University of Michigan
Approximately 82 percent of energy use in the United States consumes fossil fuels such as petroleum, coal, and natural gas. In terms of sustainability, minimizing dependence on fossil fuel and reducing CO2 emissions are compelling arguments to electrify vehicles and augment the electric grid infrastructure. As efforts to bolster electrical energy production progress, affordable, high-performance, and safe energy storage technology must also advance to enable the transition to an electrical energy economy. This session explores future energy storage needs through fundamental and applied materials research.
Batteries, fundamentally, are compromises among safety, energy density, power density, cost, and lifetime, and the materials required for batteries are actors in this compromise. In this session speakers discuss the many ways materials can be engineered to exploit or mitigate systematic coupling and the ways systems can be engineered to exploit their properties and address material limitations.
Realized in 1991, lithium ion (Li-ion) batteries were rapidly commercialized for use in microelectronics and are currently considered state-of-the-art technology for vehicle electrification. Beyond traditional battery performance metrics (e.g., the Ragone plot), widespread adoption of electric vehicles and advances in grid technology have been limited due to cost and safety constraints of current Li-ion technology. Are these constraints inherent to the technology? Can multidisciplinary engineering address these constraints not only for Li-ion but also for other promising battery chemistries? Or are new chemistries that go beyond Li-ion necessary to keep pace with future energy storage demands? These aspects are discussed in this session.
The first speaker, Alvaro Masias (Ford Motor Company), talked about battery life and safety research. The next speaker, Sarah Stewart (Robert Bosch LLC)

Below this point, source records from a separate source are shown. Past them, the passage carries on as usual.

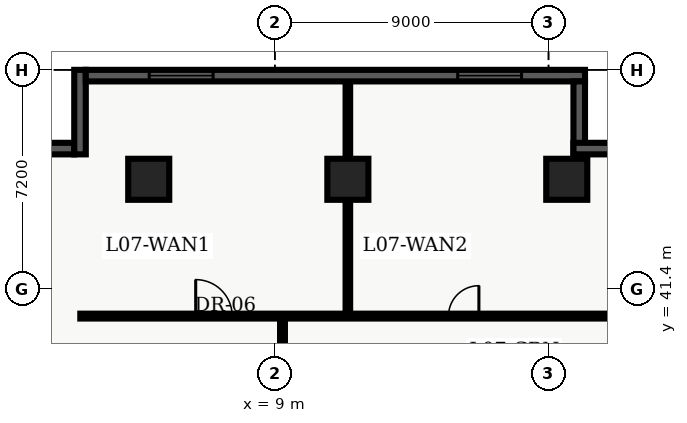
"""IFC4 building model, lengths in metres.
Left out: names, types, materials, properties, quantities, classifications, styles, units other than length and angle.
Written with IfcOpenShell. Run it as: python <this file> out.ifc"""

import sys

from ifc_helpers import new_model, entity, si_unit, converted_unit, direction, frame, origin_with_axes, origin_2d_with_axis, place, context, subcontext, project, spatial, polyline, rectangle, outline, extrude, element, fill, save


model = new_model("IFC4")
c1 = context("Model", 3, precision=1e-05, world=origin_with_axes(), true_north=direction((0.0, 1.0)))
c2 = subcontext(c1, "Body", "Model", "MODEL_VIEW")
j1 = project(units=[si_unit("LENGTHUNIT", "METRE"), converted_unit("PLANEANGLEUNIT", "DEGREE", entity("IfcPlaneAngleMeasure", 0.017), si_unit("PLANEANGLEUNIT", "RADIAN"), dimensions=[0, 0, 0, 0, 0, 0, 0])], contexts=[c1])
p1 = place(None, origin_with_axes())
s1 = spatial("IfcSite", under=j1, at=p1, CompositionType="ELEMENT")
p2 = place(p1, origin_with_axes())
s2 = spatial("IfcBuilding", under=s1, at=p2, CompositionType="ELEMENT")
p3 = place(p2, frame((0.0, 0.0, 32.7), z_axis=(0.0, 0.0, 1.0), x_axis=(1.0, 0.0, 0.0)))
s3 = spatial("IfcBuildingStorey", under=s2, at=p3, CompositionType="ELEMENT", Elevation=32.7)
for number, where, z_axis, x_axis in (
    (1, (11.4, 45.0, 0.0), (0.0, 0.0, 1.0), (1.0, 0.0, 0.0)),
    (2, (18.6, 45.0, 0.0), (0.0, 0.0, 1.0), (1.0, 0.0, 0.0)),
    (3, (4.85, 45.0, 0.0), (0.0, 0.0, 1.0), (1.0, 0.0, 0.0)),
):
    element("IfcColumn", number, at=place(p3, frame(where, z_axis=z_axis, x_axis=x_axis)), inside=s3, PredefinedType="COLUMN", context=c2, shape_type="SweptSolid", body=[
        extrude(rectangle(XDim=1.35, YDim=1.35, at=origin_2d_with_axis()), origin_with_axes(), (0.0, 0.0, 1.0), 3.9),
    ])
p4 = place(p3, frame((2.6, 40.5, 0.0), z_axis=(0.0, 0.0, 1.0), x_axis=(1.0, 0.0, 0.0)))
e4 = element("IfcWall", 4, at=p4, inside=s3, PredefinedType="PARTITIONING", context=c2, shape_type="SweptSolid", body=[
    extrude(outline(polyline([(0.0, -0.08), (18.65, -0.08), (18.65, 0.08), (0.0, 0.08), (0.0, -0.08)])), origin_with_axes(), (0.0, 0.0, 1.0), 2.7),
])
p5 = place(p4, frame((4.395, 0.0, 0.0), z_axis=(0.0, 0.0, 1.0), x_axis=(1.0, 0.0, 0.0)))
e5 = element("IfcOpeningElement", 5, at=p5, cuts=e4, PredefinedType="OPENING", context=c2, shape_type="SweptSolid", body=[
    extrude(rectangle(XDim=1.2, YDim=0.18, at=origin_2d_with_axis()), origin_with_axes(), (0.0, 0.0, 1.0), 2.2),
])
p6 = place(p4, frame((12.61, 0.0, 0.0), z_axis=(0.0, 0.0, 1.0), x_axis=(1.0, 0.0, 0.0)))
e6 = element("IfcOpeningElement", 6, at=p6, cuts=e4, PredefinedType="OPENING", context=c2, shape_type="SweptSolid", body=[
    extrude(rectangle(XDim=1.0, YDim=0.18, at=origin_2d_with_axis()), origin_with_axes(), (0.0, 0.0, 1.0), 2.15),
])
p7 = place(p3, frame((9.25, 24.4, 0.0), z_axis=(0.0, 0.0, 1.0), x_axis=(0.0, 1.0, 0.0)))
e7 = element("IfcWall", 7, at=p7, inside=s3, PredefinedType="PARTITIONING", context=c2, shape_type="SweptSolid", body=[
    extrude(outline(polyline([(0.0, -0.08), (16.1, -0.08), (16.1, 0.08), (0.0, 0.08), (0.0, -0.08)])), origin_with_axes(), (0.0, 0.0, 1.0), 2.7),
])
p8 = place(p7, frame((5.853, 0.0, 0.0), z_axis=(0.0, 0.0, 1.0), x_axis=(1.0, 0.0, 0.0)))
e8 = element("IfcOpeningElement", 8, at=p8, cuts=e7, PredefinedType="OPENING", context=c2, shape_type="SweptSolid", body=[
    extrude(rectangle(XDim=1.0, YDim=0.18, at=origin_2d_with_axis()), origin_with_axes(), (0.0, 0.0, 1.0), 2.15),
])
p9 = place(p7, frame((10.768, 0.0, 0.0), z_axis=(0.0, 0.0, 1.0), x_axis=(1.0, 0.0, 0.0)))
e9 = element("IfcOpeningElement", 9, at=p9, cuts=e7, PredefinedType="OPENING", context=c2, shape_type="SweptSolid", body=[
    extrude(rectangle(XDim=1.0, YDim=0.18, at=origin_2d_with_axis()), origin_with_axes(), (0.0, 0.0, 1.0), 2.15),
])
p10 = place(p3, frame((11.4, 40.6, 0.0), z_axis=(0.0, 0.0, 1.0), x_axis=(0.0, 1.0, 0.0)))
e10 = element("IfcWall", 10, at=p10, inside=s3, PredefinedType="PARTITIONING", context=c2, shape_type="SweptSolid", body=[
    extrude(outline(polyline([(0.0, -0.075), (7.64, -0.075), (7.64, 0.075), (0.0, 0.075), (0.0, -0.075)])), origin_with_axes(), (0.0, 0.0, 1.0), 2.7),
])
p11 = place(p3, frame((0.38, 46.01, 0.0), z_axis=(0.0, 0.0, 1.0), x_axis=(1.0, 0.0, 0.0)))
e11 = element("IfcWall", 11, at=p11, inside=s3, PredefinedType="SOLIDWALL", context=c2, shape_type="SweptSolid", body=[
    extrude(outline(polyline([(0.0, -0.19), (2.02, -0.19), (2.02, 0.19), (0.0, 0.19), (0.0, -0.19)])), origin_with_axes(), (0.0, 0.0, 1.0), 3.66),
])
p12 = place(p3, frame((2.59, 45.82, 0.0), z_axis=(0.0, 0.0, 1.0), x_axis=(0.0, 1.0, 0.0)))
e12 = element("IfcWall", 12, at=p12, inside=s3, PredefinedType="SOLIDWALL", context=c2, shape_type="SweptSolid", body=[
    extrude(outline(polyline([(0.0, -0.19), (2.78, -0.19), (2.78, 0.19), (0.0, 0.19), (0.0, -0.19)])), origin_with_axes(), (0.0, 0.0, 1.0), 3.66),
])
p13 = place(p3, frame((2.78, 48.41, 0.0), z_axis=(0.0, 0.0, 1.0), x_axis=(1.0, 0.0, 0.0)))
e13 = element("IfcWall", 13, at=p13, inside=s3, PredefinedType="SOLIDWALL", context=c2, shape_type="SweptSolid", body=[
    extrude(outline(polyline([(0.0, -0.19), (16.42, -0.19), (16.42, 0.19), (0.0, 0.19), (0.0, -0.19)])), origin_with_axes(), (0.0, 0.0, 1.0), 3.66),
])
p14 = place(p13, frame((3.137, 0.0, 0.45), z_axis=(0.0, 0.0, 1.0), x_axis=(1.0, 0.0, 0.0)))
e14 = element("IfcOpeningElement", 14, at=p14, cuts=e13, PredefinedType="OPENING", context=c2, shape_type="SweptSolid", body=[
    extrude(rectangle(XDim=2.1, YDim=0.4, at=origin_2d_with_axis()), origin_with_axes(), (0.0, 0.0, 1.0), 2.2),
])
p15 = place(p13, frame((13.283, 0.0, 0.45), z_axis=(0.0, 0.0, 1.0), x_axis=(1.0, 0.0, 0.0)))
e15 = element("IfcOpeningElement", 15, at=p15, cuts=e13, PredefinedType="OPENING", context=c2, shape_type="SweptSolid", body=[
    extrude(rectangle(XDim=2.1, YDim=0.4, at=origin_2d_with_axis()), origin_with_axes(), (0.0, 0.0, 1.0), 2.2),
])
p16 = place(p3, frame((19.01, 48.22, 0.0), z_axis=(0.0, 0.0, 1.0), x_axis=(0.0, -1.0, 0.0)))
e16 = element("IfcWall", 16, at=p16, inside=s3, PredefinedType="SOLIDWALL", context=c2, shape_type="SweptSolid", body=[
    extrude(outline(polyline([(0.0, -0.19), (2.56, -0.19), (2.56, 0.19), (0.0, 0.19), (0.0, -0.19)])), origin_with_axes(), (0.0, 0.0, 1.0), 3.66),
])
p17 = place(p3, frame((18.82, 46.01, 0.0), z_axis=(0.0, 0.0, 1.0), x_axis=(1.0, 0.0, 0.0)))
e17 = element("IfcWall", 17, at=p17, inside=s3, PredefinedType="SOLIDWALL", context=c2, shape_type="SweptSolid", body=[
    extrude(outline(polyline([(0.0, -0.19), (2.78, -0.19), (2.78, 0.19), (0.0, 0.19), (0.0, -0.19)])), origin_with_axes(), (0.0, 0.0, 1.0), 3.66),
])
p18 = place(p4, frame((4.395, 0.0, 0.0), z_axis=(0.0, 0.0, 1.0), x_axis=(1.0, 0.0, 0.0)))
e18 = element("IfcDoor", 18, at=p18, inside=s3, OperationType="SINGLE_SWING_LEFT", PredefinedType="DOOR", context=c2, shape_type="SweptSolid", body=[
    extrude(rectangle(XDim=1.2, YDim=0.09, at=origin_2d_with_axis()), origin_with_axes(), (0.0, 0.0, 1.0), 2.2),
])
fill(e5, e18)
p19 = place(p4, frame((12.61, 0.0, 0.0), z_axis=(0.0, 0.0, 1.0), x_axis=(1.0, 0.0, 0.0)))
e19 = element("IfcDoor", 19, at=p19, inside=s3, OperationType="SINGLE_SWING_RIGHT", PredefinedType="DOOR", context=c2, shape_type="SweptSolid", body=[
    extrude(rectangle(XDim=1.0, YDim=0.09, at=origin_2d_with_axis()), origin_with_axes(), (0.0, 0.0, 1.0), 2.15),
])
fill(e6, e19)
p20 = place(p13, frame((3.137, 0.0, 0.45), z_axis=(0.0, 0.0, 1.0), x_axis=(1.0, 0.0, 0.0)))
e20 = element("IfcWindow", 20, at=p20, inside=s3, PredefinedType="WINDOW", context=c2, shape_type="SweptSolid", body=[
    extrude(rectangle(XDim=2.1, YDim=0.09, at=origin_2d_with_axis()), origin_with_axes(), (0.0, 0.0, 1.0), 2.2),
])
fill(e14, e20)
p21 = place(p13, frame((13.283, 0.0, 0.45), z_axis=(0.0, 0.0, 1.0), x_axis=(1.0, 0.0, 0.0)))
e21 = element("IfcWindow", 21, at=p21, inside=s3, PredefinedType="WINDOW", context=c2, shape_type="SweptSolid", body=[
    extrude(rectangle(XDim=2.1, YDim=0.09, at=origin_2d_with_axis()), origin_with_axes(), (0.0, 0.0, 1.0), 2.2),
])
fill(e15, e21)
save(model, sys.argv[1])

linked fundamental behavior in batteries to manufacturing issues. Specifically, she shared an overview of the challenges she saw while manufacturing battery packs and spoke about how fundamental engineering research could improve the manufacturing cost and reliability of batteries. Next, Claus Daniel (Oak Ridge National Laboratory) articulated the challenges of adapting battery chemistries and large-scale manufacturing for electric vehicles and grid storage. He offered a national lab perspective on the transition between materials discovery and energy storage technology maturation. The discussion also includes technology development perspectives from the Department of Energy, automotive, and electric utility industries. The final speaker, Shirley Meng (University of California, San Diego), covered materials and battery design from the ideal or theoretical perspective, spanning a range of topics from atomic scale phenomena to nanoarchitectures, charge transport, and prototypical batteries.1
1 Paper not included in this volume.